# Setting up a second wifi WAP w/o wep encryption



## DonLandis (Dec 17, 2003)

This one for network GURU's

I have a single cable modem connected to a firewall and then a router. From that router I have a half dozen computers connected with the 400Mbs hard wire and a WAP802.11b set with 128bit encryption (WEP) Usually connected to that are 3 laptops. All net equipment is Linksys DHCP So far so good!

I would like to add a second WAP with 802.11b where the access to the internet is an open access but access to anything behind the firewall would be blocked. To do this, would I need to insert the open access WAP between my current modem and router firewall. In other words- Cablemodem to a WAP open access and feed through it's built in router to the hard firewall/router where the second WEP system is connected. Would this do what I want? that is, allow open access to the internet for non wep wifi and keep those connections from seeing my lan behind the firewall.


----------



## CoriBright (May 30, 2002)

I think if you google for instructions up a wifi hotspot you might find more details. a router behind a router isn't the easiest thing to setup... I gave up and use two Access Points because I couldn't be bothered with a three hour phone to Linksys. But both are protected. In theory what you suggested should work, but the configuration isn't going to be a 5 minute job.

Good luck.


----------



## cdru (Dec 4, 2003)

Doing double NAT (router behind a router) is possible and actually isn't too difficult, but it can cause problems with some protocols. You also obviously have a performance hit as well as one more thing that can fail.

You might look into the WRT54G (or WRT54GS) with Sveasoft firmware running on it. The hacked firmware will allow you to VLAN off your wLAN from your LAN. Set it up so that the WRT54G is your main router with the wLAN having no encryption on one vLAN and your wired ports get used for our computers on the other. Then just use your current router as an AP. Connect the two routers via a lan port (don't use the WAN port). The 2nd router then just acts as a switch and AP, the router portion doesn't get used.


----------



## SimpleSimon (Jan 15, 2004)

Hmmm.

How about plugging the cable modem into a hub, then the WAPs into that?

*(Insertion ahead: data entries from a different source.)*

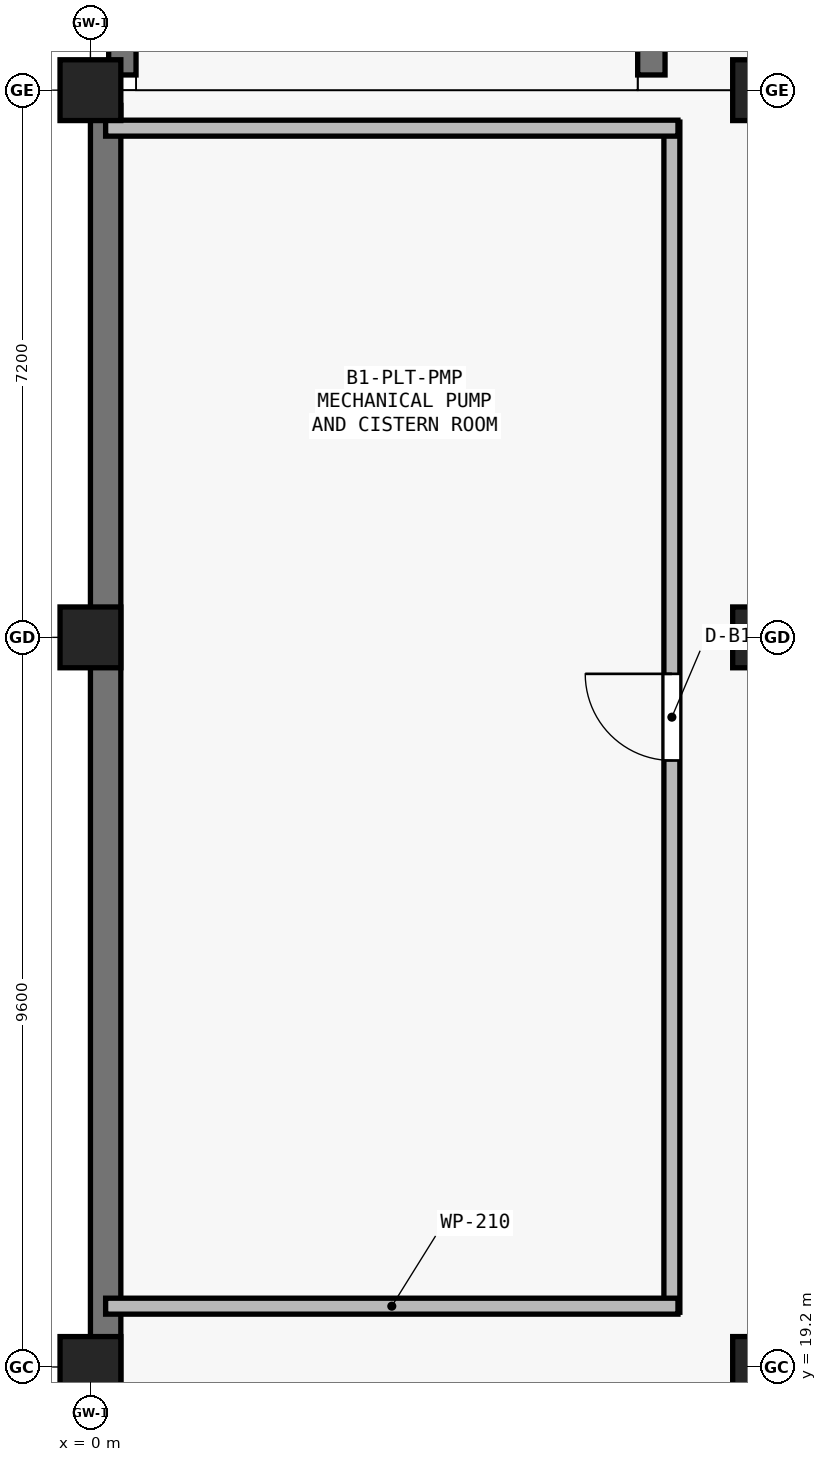
"""IFC4 building model, lengths in metres.
Left out: names, types, materials, properties, quantities, classifications, styles, units other than length and angle.
Written with IfcOpenShell. Run it as: python <this file> out.ifc"""

import sys

from ifc_helpers import new_model, si_unit, direction, frame, frame_2d, origin, origin_2d, place, context, subcontext, project, spatial, rectangle, extrude, element, fill, save


model = new_model("IFC4")
c1 = context("Model", 3, precision=1e-05, world=origin(), true_north=direction((0.0, 1.0)))
c2 = subcontext(c1, "Body", "Model", "MODEL_VIEW")
j1 = project(units=[si_unit("LENGTHUNIT", "METRE"), si_unit("PLANEANGLEUNIT", "RADIAN")], contexts=[c1])
p1 = place(None, origin())
s1 = spatial("IfcSite", under=j1, at=p1, CompositionType="ELEMENT")
p2 = place(p1, origin())
s2 = spatial("IfcBuilding", under=s1, at=p2, CompositionType="ELEMENT")
p3 = place(p2, frame((0.0, 0.0, -5.4)))
s3 = spatial("IfcBuildingStorey", under=s2, at=p3, CompositionType="ELEMENT", Elevation=-5.4)
for number, where, z_axis, x_axis in (
    (1, (0.0, 19.2, 0.0), (0.0, 0.0, 1.0), (1.0, 0.0, 0.0)),
    (2, (0.0, 28.8, 0.0), (0.0, 0.0, 1.0), (1.0, 0.0, 0.0)),
    (3, (0.0, 36.0, 0.0), (0.0, 0.0, 1.0), (1.0, 0.0, 0.0)),
    (4, (8.85, 19.2, 0.0), (0.0, 0.0, 1.0), (1.0, 0.0, 0.0)),
    (5, (8.85, 28.8, 0.0), (0.0, 0.0, 1.0), (1.0, 0.0, 0.0)),
    (6, (8.85, 36.0, 0.0), (0.0, 0.0, 1.0), (1.0, 0.0, 0.0)),
):
    element("IfcColumn", number, at=place(p3, frame(where, z_axis=z_axis, x_axis=x_axis)), inside=s3, PredefinedType="COLUMN", context=c2, shape_type="SweptSolid", body=[
        extrude(rectangle(XDim=0.8, YDim=0.8, at=origin_2d()), origin(), (0.0, 0.0, 1.0), 5.4),
    ])
p4 = place(p3, frame((0.2, 0.2, 0.0), z_axis=(0.0, 0.0, 1.0), x_axis=(0.0, 1.0, 0.0)))
e7 = element("IfcWall", 7, at=p4, inside=s3, PredefinedType="USERDEFINED", context=c2, shape_type="SweptSolid", body=[
    extrude(rectangle(XDim=35.6, YDim=0.4, at=frame_2d((17.8, 0.0))), origin(), (0.0, 0.0, 1.0), 4.85),
])
for number, where, z_axis, x_axis in (
    (8, (0.42, 36.2, 0.0), (0.0, 0.0, 1.0), (0.0, 1.0, 0.0)),
    (9, (7.38, 84.2, 0.0), (0.0, 0.0, 1.0), (0.0, -1.0, 0.0)),
):
    element("IfcWall", number, at=place(p3, frame(where, z_axis=z_axis, x_axis=x_axis)), inside=s3, PredefinedType="USERDEFINED", context=c2, shape_type="SweptSolid", body=[
        extrude(rectangle(XDim=48.0, YDim=0.36, at=frame_2d((24.0, 0.0))), origin(), (0.0, 0.0, 1.0), 9.0),
    ])
p5 = place(p3, frame((7.65, 19.92, 0.0), z_axis=(0.0, 0.0, 1.0), x_axis=(0.0, 1.0, 0.0)))
e10 = element("IfcWall", 10, at=p5, inside=s3, PredefinedType="PARTITIONING", context=c2, shape_type="SweptSolid", body=[
    extrude(rectangle(XDim=15.66, YDim=0.21, at=frame_2d((7.83, 0.0))), origin(), (0.0, 0.0, 1.0), 4.92),
])
p6 = place(p5, frame((7.26, 0.0, 0.0)))
e11 = element("IfcOpeningElement", 11, at=p6, cuts=e10, PredefinedType="OPENING", context=c2, shape_type="SweptSolid", body=[
    extrude(rectangle(XDim=1.14, YDim=2.1, at=frame_2d((0.57, 1.05))), frame((0.0, 0.115, 0.0), z_axis=(0.0, -1.0, 0.0), x_axis=(1.0, 0.0, 0.0)), (0.0, 0.0, 1.0), 0.23),
])
for number, where, z_axis, x_axis in (
    (12, (0.2, 20.0, 0.0), (0.0, 0.0, 1.0), (1.0, 0.0, 0.0)),
    (13, (7.73, 35.5, 0.0), (0.0, 0.0, 1.0), (-1.0, 0.0, 0.0)),
):
    element("IfcWall", number, at=place(p3, frame(where, z_axis=z_axis, x_axis=x_axis)), inside=s3, PredefinedType="PARTITIONING", context=c2, shape_type="SweptSolid", body=[
        extrude(rectangle(XDim=7.53, YDim=0.21, at=frame_2d((3.765, 0.0))), origin(), (0.0, 0.0, 1.0), 4.92),
    ])
p7 = place(p6, origin())
e14 = element("IfcDoor", 14, at=p7, inside=s3, OperationType="SINGLE_SWING_RIGHT", PredefinedType="DOOR", context=c2, shape_type="SweptSolid", body=[
    extrude(rectangle(XDim=1.14, YDim=2.1, at=frame_2d((0.57, 1.05))), frame((0.0, 0.025, 0.0), z_axis=(0.0, -1.0, 0.0), x_axis=(1.0, 0.0, 0.0)), (0.0, 0.0, 1.0), 0.05),
])
fill(e11, e14)
save(model, sys.argv[1])

This requires that the cable modem allow multiple IPs (IOW, has DHCP & NAT).

Set the two WAPs to have different subnets than the cable modem (for a total of 3 subnets).


----------



## DonLandis (Dec 17, 2003)

The first part may work but I'm not sure you understood how I explained my needs.

I want one WEP access point to be behind the firewall and see all my computers in shared resources mode.
The other access point would be open so no key required and also have access to my internet connection but not my LAN. 

I have enough hardware sitting around to try it but I was more inquiring as to how to configure the DHCP setup on the new WAP between the cable modem and the firewalled LAN. If the current Lan is set for 192.168.1.XXX, and 255.255.255.0 How does the setup look for the WAP that is outside the LAN? Right now the first thing my Cable modem sees is the linksys firewall/router(s)/WEP-WAP box.


----------



## SimpleSimon (Jan 15, 2004)

Don - maybe you misunderstood me.

I think you're thinking of a hierarchical pair of WLANs.

I'm thinking of a side-by-side pair of WLANs. One open, one secure. Both have access to the internet.

Both WAPs are firewalls in and of themselves, and so is the cable modem (assuming the cable modem has NAT & DHCP).

Cable-LAN = 192.168.a.xxx with 2 attached devices:
WLAN1-WANPort=192.168.a.11 and WLAN2-WANPort=192.168.a.22
WLAN1-LAN = 192.168.b.xxx
WLAN2-LAN = 192.168.c.xxx

With the standard 192.168 mask of 255.255.255.0 the two WLANs can't see each others LAN sides - although they can see each other's WAN ports - but that's not a problem.


----------



## DonLandis (Dec 17, 2003)

"_With the standard 192.168 mask of 255.255.255.0 the two WLANs can't see each others LAN sides - although they can see each other's WAN ports - but that's not a problem."_

Thanks for clarifying that. I see what you are saying now. Can't wait to get back to Florida next week to try it out.


----------